El gobierno de Misiones decidió avanzar con el cierre de su empresa estatal de cannabis medicinal en un movimiento que apunta a recortar costos y reordenar el funcionamiento del Estado. La medida fue confirmada por el gobernador Hugo Passalacqua, quien anunció la disolución de MisioPharma como parte de una estrategia de “optimización de recursos públicos”.
Informo que he decidido avanzar en la disolución de MisioPharma, disponiendo el cese de sus funciones operativas para que su personal científico calificado y sus recursos técnicos se integren plenamente a la @BiofabricaMnes para potenciar su crecimiento.
— Hugo Passalacqua (@passalacquaok) April 13, 2026
Esta decisión se…
La decisión quedó formalizada a través del decreto 539, publicado en el Boletín Oficial provincial. Allí se detallan los fundamentos del cierre, que combinan razones económicas, productivas y de contexto global en torno al mercado del cannabis medicinal.

MisioPharma había sido creada para cubrir todo el ciclo productivo, desde el cultivo hasta la comercialización. Sin embargo, el Ejecutivo sostiene que el escenario actual cambió y que el sector privado ofrece hoy mejores condiciones de eficiencia.
Según explicó el mandatario, el mercado internacional del cannabis se encuentra “normalizado y maduro”, lo que permite acceder a insumos de manera más ágil y económica sin necesidad de una estructura estatal propia.
A esto se suma el contexto económico local. El decreto menciona la recesión, la ruptura de las cadenas de pago y el riesgo de pérdida de capital en empresas públicas como factores determinantes para avanzar con la disolución.
En términos fiscales, el cierre implicará un ahorro estimado de $1.500 millones anuales, un dato que el Gobierno provincial pone en el centro de la decisión.
Uno de los puntos sensibles era el futuro de los trabajadores. Desde la administración misionera aseguraron que la mayoría del personal será reubicado en Biofábrica Misiones, otra empresa estatal orientada a la biotecnología agrícola.
La medida se inscribe en una línea más amplia de reestructuración, que también incluye decisiones como la privatización del puerto de Posadas.

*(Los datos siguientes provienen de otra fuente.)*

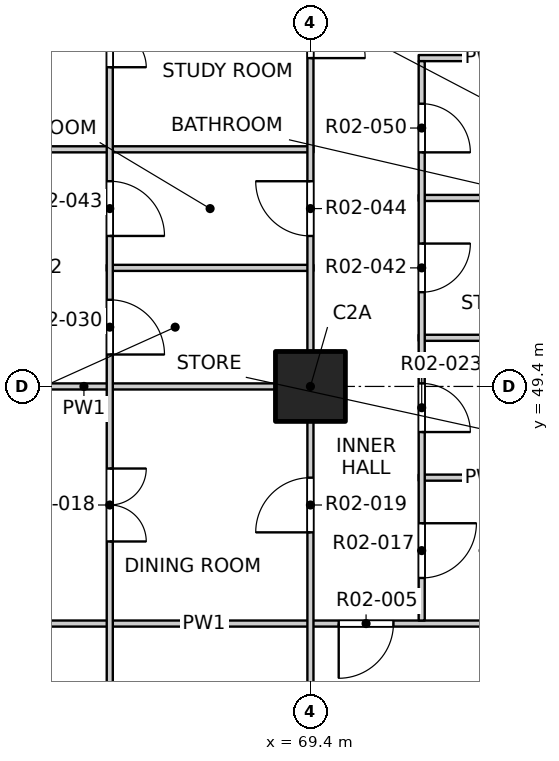
"""IFC4 building model, lengths in metres.
Left out: names, types, materials, properties, quantities, classifications, styles, units other than length and angle.
Written with IfcOpenShell. Run it as: python <this file> out.ifc"""

import sys

from ifc_helpers import new_model, si_unit, direction, frame, frame_2d, origin, origin_2d, place, context, subcontext, project, spatial, rectangle, extrude, element, fill, save


model = new_model("IFC4")
c1 = context("Model", 3, precision=1e-05, world=origin(), true_north=direction((0.0, 1.0)))
c2 = subcontext(c1, "Body", "Model", "MODEL_VIEW")
j1 = project(units=[si_unit("LENGTHUNIT", "METRE"), si_unit("PLANEANGLEUNIT", "RADIAN")], contexts=[c1])
p1 = place(None, origin())
s1 = spatial("IfcSite", under=j1, at=p1, CompositionType="ELEMENT")
p2 = place(p1, origin())
s2 = spatial("IfcBuilding", under=s1, at=p2, CompositionType="ELEMENT")
p3 = place(p2, frame((0.0, 0.0, 36.5)))
s3 = spatial("IfcBuildingStorey", under=s2, at=p3, CompositionType="ELEMENT", Elevation=36.5)
p4 = place(p3, frame((69.4, 49.4, -0.25), z_axis=(0.0, 0.0, 1.0), x_axis=(1.0, 0.0, 0.0)))
e1 = element("IfcColumn", 1, at=p4, inside=s3, PredefinedType="COLUMN", context=c2, shape_type="SweptSolid", body=[
    extrude(rectangle(XDim=1.15, YDim=1.15, at=origin_2d()), origin(), (0.0, 0.0, 1.0), 3.4),
])
p5 = place(p3, frame((61.9, 45.5, 0.0), z_axis=(0.0, 0.0, 1.0), x_axis=(1.0, 0.0, 0.0)))
e2 = element("IfcWall", 2, at=p5, inside=s3, PredefinedType="PARTITIONING", context=c2, shape_type="SweptSolid", body=[
    extrude(rectangle(XDim=11.5, YDim=0.1, at=frame_2d((5.75, 0.0))), origin(), (0.0, 0.0, 1.0), 3.15),
])
p6 = place(p5, frame((7.965, 0.0, 0.0)))
e3 = element("IfcOpeningElement", 3, at=p6, cuts=e2, PredefinedType="OPENING", context=c2, shape_type="SweptSolid", body=[
    extrude(rectangle(XDim=0.9, YDim=2.1, at=frame_2d((0.45, 1.05))), frame((0.0, 0.06, 0.0), z_axis=(0.0, -1.0, 0.0), x_axis=(1.0, 0.0, 0.0)), (0.0, 0.0, 1.0), 0.12),
])
p7 = place(p3, frame((71.18, 47.9, 0.0), z_axis=(0.0, 0.0, 1.0), x_axis=(1.0, 0.0, 0.0)))
e4 = element("IfcWall", 4, at=p7, inside=s3, PredefinedType="PARTITIONING", context=c2, shape_type="SweptSolid", body=[
    extrude(rectangle(XDim=2.22, YDim=0.1, at=frame_2d((1.11, 0.0))), origin(), (0.0, 0.0, 1.0), 3.15),
])
p8 = place(p3, frame((61.9, 49.4, 0.0), z_axis=(0.0, 0.0, 1.0), x_axis=(1.0, 0.0, 0.0)))
e5 = element("IfcWall", 5, at=p8, inside=s3, PredefinedType="PARTITIONING", context=c2, shape_type="SweptSolid", body=[
    extrude(rectangle(XDim=7.55, YDim=0.1, at=frame_2d((3.775, 0.0))), origin(), (0.0, 0.0, 1.0), 3.15),
])
p9 = place(p3, frame((71.18, 50.2, 0.0), z_axis=(0.0, 0.0, 1.0), x_axis=(1.0, 0.0, 0.0)))
e6 = element("IfcWall", 6, at=p9, inside=s3, PredefinedType="PARTITIONING", context=c2, shape_type="SweptSolid", body=[
    extrude(rectangle(XDim=2.22, YDim=0.1, at=frame_2d((1.11, 0.0))), origin(), (0.0, 0.0, 1.0), 3.15),
])
p10 = place(p3, frame((66.05, 51.35, 0.0), z_axis=(0.0, 0.0, 1.0), x_axis=(1.0, 0.0, 0.0)))
e7 = element("IfcWall", 7, at=p10, inside=s3, PredefinedType="PARTITIONING", context=c2, shape_type="SweptSolid", body=[
    extrude(rectangle(XDim=3.4, YDim=0.1, at=frame_2d((1.7, 0.0))), origin(), (0.0, 0.0, 1.0), 3.15),
])
p11 = place(p3, frame((71.18, 52.5, 0.0), z_axis=(0.0, 0.0, 1.0), x_axis=(1.0, 0.0, 0.0)))
e8 = element("IfcWall", 8, at=p11, inside=s3, PredefinedType="PARTITIONING", context=c2, shape_type="SweptSolid", body=[
    extrude(rectangle(XDim=2.22, YDim=0.1, at=frame_2d((1.11, 0.0))), origin(), (0.0, 0.0, 1.0), 3.15),
])
p12 = place(p3, frame((61.9, 53.3, 0.0), z_axis=(0.0, 0.0, 1.0), x_axis=(1.0, 0.0, 0.0)))
e9 = element("IfcWall", 9, at=p12, inside=s3, PredefinedType="PARTITIONING", context=c2, shape_type="SweptSolid", body=[
    extrude(rectangle(XDim=7.55, YDim=0.1, at=frame_2d((3.775, 0.0))), origin(), (0.0, 0.0, 1.0), 3.15),
])
p13 = place(p3, frame((71.18, 54.8, 0.0), z_axis=(0.0, 0.0, 1.0), x_axis=(1.0, 0.0, 0.0)))
e10 = element("IfcWall", 10, at=p13, inside=s3, PredefinedType="PARTITIONING", context=c2, shape_type="SweptSolid", body=[
    extrude(rectangle(XDim=2.22, YDim=0.1, at=frame_2d((1.11, 0.0))), origin(), (0.0, 0.0, 1.0), 3.15),
])
p14 = place(p3, frame((66.1, 41.9, 0.0), z_axis=(0.0, 0.0, 1.0), x_axis=(0.0, 1.0, 0.0)))
e11 = element("IfcWall", 11, at=p14, inside=s3, PredefinedType="PARTITIONING", context=c2, shape_type="SweptSolid", body=[
    extrude(rectangle(XDim=34.7, YDim=0.1, at=frame_2d((17.35, 0.0))), origin(), (0.0, 0.0, 1.0), 3.15),
])
p15 = place(p14, frame((1.05, 0.0, 0.0)))
e12 = element("IfcOpeningElement", 12, at=p15, cuts=e11, PredefinedType="OPENING", context=c2, shape_type="SweptSolid", body=[
    extrude(rectangle(XDim=1.2, YDim=2.1, at=frame_2d((0.6, 1.05))), frame((0.0, 0.06, 0.0), z_axis=(0.0, -1.0, 0.0), x_axis=(1.0, 0.0, 0.0)), (0.0, 0.0, 1.0), 0.12),
])
p16 = place(p14, frame((4.95, 0.0, 0.0)))
e13 = element("IfcOpeningElement", 13, at=p16, cuts=e11, PredefinedType="OPENING", context=c2, shape_type="SweptSolid", body=[
    extrude(rectangle(XDim=1.2, YDim=2.1, at=frame_2d((0.6, 1.05))), frame((0.0, 0.06, 0.0), z_axis=(0.0, -1.0, 0.0), x_axis=(1.0, 0.0, 0.0)), (0.0, 0.0, 1.0), 0.12),
])
p17 = place(p14, frame((8.025, 0.0, 0.0)))
e14 = element("IfcOpeningElement", 14, at=p17, cuts=e11, PredefinedType="OPENING", context=c2, shape_type="SweptSolid", body=[
    extrude(rectangle(XDim=0.9, YDim=2.1, at=frame_2d((0.45, 1.05))), frame((0.0, 0.06, 0.0), z_axis=(0.0, -1.0, 0.0), x_axis=(1.0, 0.0, 0.0)), (0.0, 0.0, 1.0), 0.12),
])
p18 = place(p14, frame((9.975, 0.0, 0.0)))
e15 = element("IfcOpeningElement", 15, at=p18, cuts=e11, PredefinedType="OPENING", context=c2, shape_type="SweptSolid", body=[
    extrude(rectangle(XDim=0.9, YDim=2.1, at=frame_2d((0.45, 1.05))), frame((0.0, 0.06, 0.0), z_axis=(0.0, -1.0, 0.0), x_axis=(1.0, 0.0, 0.0)), (0.0, 0.0, 1.0), 0.12),
])
p19 = place(p14, frame((12.75, 0.0, 0.0)))
e16 = element("IfcOpeningElement", 16, at=p19, cuts=e11, PredefinedType="OPENING", context=c2, shape_type="SweptSolid", body=[
    extrude(rectangle(XDim=1.2, YDim=2.1, at=frame_2d((0.6, 1.05))), frame((0.0, 0.06, 0.0), z_axis=(0.0, -1.0, 0.0), x_axis=(1.0, 0.0, 0.0)), (0.0, 0.0, 1.0), 0.12),
])
p20 = place(p14, frame((15.825, 0.0, 0.0)))
e17 = element("IfcOpeningElement", 17, at=p20, cuts=e11, PredefinedType="OPENING", context=c2, shape_type="SweptSolid", body=[
    extrude(rectangle(XDim=0.9, YDim=2.1, at=frame_2d((0.45, 1.05))), frame((0.0, 0.06, 0.0), z_axis=(0.0, -1.0, 0.0), x_axis=(1.0, 0.0, 0.0)), (0.0, 0.0, 1.0), 0.12),
])
p21 = place(p14, frame((17.775, 0.0, 0.0)))
e18 = element("IfcOpeningElement", 18, at=p21, cuts=e11, PredefinedType="OPENING", context=c2, shape_type="SweptSolid", body=[
    extrude(rectangle(XDim=0.9, YDim=2.1, at=frame_2d((0.45, 1.05))), frame((0.0, 0.06, 0.0), z_axis=(0.0, -1.0, 0.0), x_axis=(1.0, 0.0, 0.0)), (0.0, 0.0, 1.0), 0.12),
])
p22 = place(p14, frame((19.725, 0.0, 0.0)))
e19 = element("IfcOpeningElement", 19, at=p22, cuts=e11, PredefinedType="OPENING", context=c2, shape_type="SweptSolid", body=[
    extrude(rectangle(XDim=0.9, YDim=2.1, at=frame_2d((0.45, 1.05))), frame((0.0, 0.06, 0.0), z_axis=(0.0, -1.0, 0.0), x_axis=(1.0, 0.0, 0.0)), (0.0, 0.0, 1.0), 0.12),
])
p23 = place(p14, frame((21.675, 0.0, 0.0)))
e20 = element("IfcOpeningElement", 20, at=p23, cuts=e11, PredefinedType="OPENING", context=c2, shape_type="SweptSolid", body=[
    extrude(rectangle(XDim=0.9, YDim=2.1, at=frame_2d((0.45, 1.05))), frame((0.0, 0.06, 0.0), z_axis=(0.0, -1.0, 0.0), x_axis=(1.0, 0.0, 0.0)), (0.0, 0.0, 1.0), 0.12),
])
p24 = place(p14, frame((24.45, 0.0, 0.0)))
e21 = element("IfcOpeningElement", 21, at=p24, cuts=e11, PredefinedType="OPENING", context=c2, shape_type="SweptSolid", body=[
    extrude(rectangle(XDim=1.2, YDim=2.1, at=frame_2d((0.6, 1.05))), frame((0.0, 0.06, 0.0), z_axis=(0.0, -1.0, 0.0), x_axis=(1.0, 0.0, 0.0)), (0.0, 0.0, 1.0), 0.12),
])
p25 = place(p14, frame((27.525, 0.0, 0.0)))
e22 = element("IfcOpeningElement", 22, at=p25, cuts=e11, PredefinedType="OPENING", context=c2, shape_type="SweptSolid", body=[
    extrude(rectangle(XDim=0.9, YDim=2.1, at=frame_2d((0.45, 1.05))), frame((0.0, 0.06, 0.0), z_axis=(0.0, -1.0, 0.0), x_axis=(1.0, 0.0, 0.0)), (0.0, 0.0, 1.0), 0.12),
])
p26 = place(p14, frame((29.475, 0.0, 0.0)))
e23 = element("IfcOpeningElement", 23, at=p26, cuts=e11, PredefinedType="OPENING", context=c2, shape_type="SweptSolid", body=[
    extrude(rectangle(XDim=0.9, YDim=2.1, at=frame_2d((0.45, 1.05))), frame((0.0, 0.06, 0.0), z_axis=(0.0, -1.0, 0.0), x_axis=(1.0, 0.0, 0.0)), (0.0, 0.0, 1.0), 0.12),
])
p27 = place(p14, frame((31.425, 0.0, 0.0)))
e24 = element("IfcOpeningElement", 24, at=p27, cuts=e11, PredefinedType="OPENING", context=c2, shape_type="SweptSolid", body=[
    extrude(rectangle(XDim=0.9, YDim=2.1, at=frame_2d((0.45, 1.05))), frame((0.0, 0.06, 0.0), z_axis=(0.0, -1.0, 0.0), x_axis=(1.0, 0.0, 0.0)), (0.0, 0.0, 1.0), 0.12),
])
p28 = place(p14, frame((33.375, 0.0, 0.0)))
e25 = element("IfcOpeningElement", 25, at=p28, cuts=e11, PredefinedType="OPENING", context=c2, shape_type="SweptSolid", body=[
    extrude(rectangle(XDim=0.9, YDim=2.1, at=frame_2d((0.45, 1.05))), frame((0.0, 0.06, 0.0), z_axis=(0.0, -1.0, 0.0), x_axis=(1.0, 0.0, 0.0)), (0.0, 0.0, 1.0), 0.12),
])
p29 = place(p3, frame((69.4, 41.9, 0.0), z_axis=(0.0, 0.0, 1.0), x_axis=(0.0, 1.0, 0.0)))
e26 = element("IfcWall", 26, at=p29, inside=s3, PredefinedType="PARTITIONING", context=c2, shape_type="SweptSolid", body=[
    extrude(rectangle(XDim=46.2, YDim=0.1, at=frame_2d((23.1, 0.0))), origin(), (0.0, 0.0, 1.0), 3.15),
])
p30 = place(p29, frame((1.2, 0.0, 0.0)))
e27 = element("IfcOpeningElement", 27, at=p30, cuts=e26, PredefinedType="OPENING", context=c2, shape_type="SweptSolid", body=[
    extrude(rectangle(XDim=0.9, YDim=2.1, at=frame_2d((0.45, 1.05))), frame((0.0, 0.06, 0.0), z_axis=(0.0, -1.0, 0.0), x_axis=(1.0, 0.0, 0.0)), (0.0, 0.0, 1.0), 0.12),
])
p31 = place(p29, frame((5.1, 0.0, 0.0)))
e28 = element("IfcOpeningElement", 28, at=p31, cuts=e26, PredefinedType="OPENING", context=c2, shape_type="SweptSolid", body=[
    extrude(rectangle(XDim=0.9, YDim=2.1, at=frame_2d((0.45, 1.05))), frame((0.0, 0.06, 0.0), z_axis=(0.0, -1.0, 0.0), x_axis=(1.0, 0.0, 0.0)), (0.0, 0.0, 1.0), 0.12),
])
p32 = place(p29, frame((9.975, 0.0, 0.0)))
e29 = element("IfcOpeningElement", 29, at=p32, cuts=e26, PredefinedType="OPENING", context=c2, shape_type="SweptSolid", body=[
    extrude(rectangle(XDim=0.9, YDim=2.1, at=frame_2d((0.45, 1.05))), frame((0.0, 0.06, 0.0), z_axis=(0.0, -1.0, 0.0), x_axis=(1.0, 0.0, 0.0)), (0.0, 0.0, 1.0), 0.12),
])
p33 = place(p29, frame((12.9, 0.0, 0.0)))
e30 = element("IfcOpeningElement", 30, at=p33, cuts=e26, PredefinedType="OPENING", context=c2, shape_type="SweptSolid", body=[
    extrude(rectangle(XDim=0.9, YDim=2.1, at=frame_2d((0.45, 1.05))), frame((0.0, 0.06, 0.0), z_axis=(0.0, -1.0, 0.0), x_axis=(1.0, 0.0, 0.0)), (0.0, 0.0, 1.0), 0.12),
])
p34 = place(p29, frame((17.775, 0.0, 0.0)))
e31 = element("IfcOpeningElement", 31, at=p34, cuts=e26, PredefinedType="OPENING", context=c2, shape_type="SweptSolid", body=[
    extrude(rectangle(XDim=0.9, YDim=2.1, at=frame_2d((0.45, 1.05))), frame((0.0, 0.06, 0.0), z_axis=(0.0, -1.0, 0.0), x_axis=(1.0, 0.0, 0.0)), (0.0, 0.0, 1.0), 0.12),
])
p35 = place(p29, frame((21.5, 0.0, 0.0)))
e32 = element("IfcOpeningElement", 32, at=p35, cuts=e26, PredefinedType="OPENING", context=c2, shape_type="SweptSolid", body=[
    extrude(rectangle(XDim=0.9, YDim=2.1, at=frame_2d((0.45, 1.05))), frame((0.0, 0.06, 0.0), z_axis=(0.0, -1.0, 0.0), x_axis=(1.0, 0.0, 0.0)), (0.0, 0.0, 1.0), 0.12),
])
p36 = place(p29, frame((24.6, 0.0, 0.0)))
e33 = element("IfcOpeningElement", 33, at=p36, cuts=e26, PredefinedType="OPENING", context=c2, shape_type="SweptSolid", body=[
    extrude(rectangle(XDim=0.9, YDim=2.1, at=frame_2d((0.45, 1.05))), frame((0.0, 0.06, 0.0), z_axis=(0.0, -1.0, 0.0), x_axis=(1.0, 0.0, 0.0)), (0.0, 0.0, 1.0), 0.12),
])
p37 = place(p29, frame((29.3, 0.0, 0.0)))
e34 = element("IfcOpeningElement", 34, at=p37, cuts=e26, PredefinedType="OPENING", context=c2, shape_type="SweptSolid", body=[
    extrude(rectangle(XDim=0.9, YDim=2.1, at=frame_2d((0.45, 1.05))), frame((0.0, 0.06, 0.0), z_axis=(0.0, -1.0, 0.0), x_axis=(1.0, 0.0, 0.0)), (0.0, 0.0, 1.0), 0.12),
])
p38 = place(p29, frame((33.375, 0.0, 0.0)))
e35 = element("IfcOpeningElement", 35, at=p38, cuts=e26, PredefinedType="OPENING", context=c2, shape_type="SweptSolid", body=[
    extrude(rectangle(XDim=0.9, YDim=2.1, at=frame_2d((0.45, 1.05))), frame((0.0, 0.06, 0.0), z_axis=(0.0, -1.0, 0.0), x_axis=(1.0, 0.0, 0.0)), (0.0, 0.0, 1.0), 0.12),
])
p39 = place(p29, frame((37.1, 0.0, 0.0)))
e36 = element("IfcOpeningElement", 36, at=p39, cuts=e26, PredefinedType="OPENING", context=c2, shape_type="SweptSolid", body=[
    extrude(rectangle(XDim=0.9, YDim=2.1, at=frame_2d((0.45, 1.05))), frame((0.0, 0.06, 0.0), z_axis=(0.0, -1.0, 0.0), x_axis=(1.0, 0.0, 0.0)), (0.0, 0.0, 1.0), 0.12),
])
p40 = place(p29, frame((41.175, 0.0, 0.0)))
e37 = element("IfcOpeningElement", 37, at=p40, cuts=e26, PredefinedType="OPENING", context=c2, shape_type="SweptSolid", body=[
    extrude(rectangle(XDim=0.9, YDim=2.1, at=frame_2d((0.45, 1.05))), frame((0.0, 0.06, 0.0), z_axis=(0.0, -1.0, 0.0), x_axis=(1.0, 0.0, 0.0)), (0.0, 0.0, 1.0), 0.12),
])
p41 = place(p29, frame((44.1, 0.0, 0.0)))
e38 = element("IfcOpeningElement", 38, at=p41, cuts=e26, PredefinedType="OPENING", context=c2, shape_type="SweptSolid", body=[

En todos los casos, el argumento oficial es el mismo: reducir costos operativos y redirigir recursos hacia áreas consideradas prioritarias.
El proceso de cierre ya tiene fecha. MisioPharma dejará de operar formalmente el 16 de abril, cuando se avance con su liquidación. A partir de allí, se iniciará la venta de activos y la cancelación de pasivos bajo la supervisión del Estado provincial.
El movimiento abre un nuevo capítulo en la discusión sobre el rol de las empresas públicas. En Misiones, la apuesta es clara: menos estructura estatal directa y mayor dependencia de la lógica de mercado.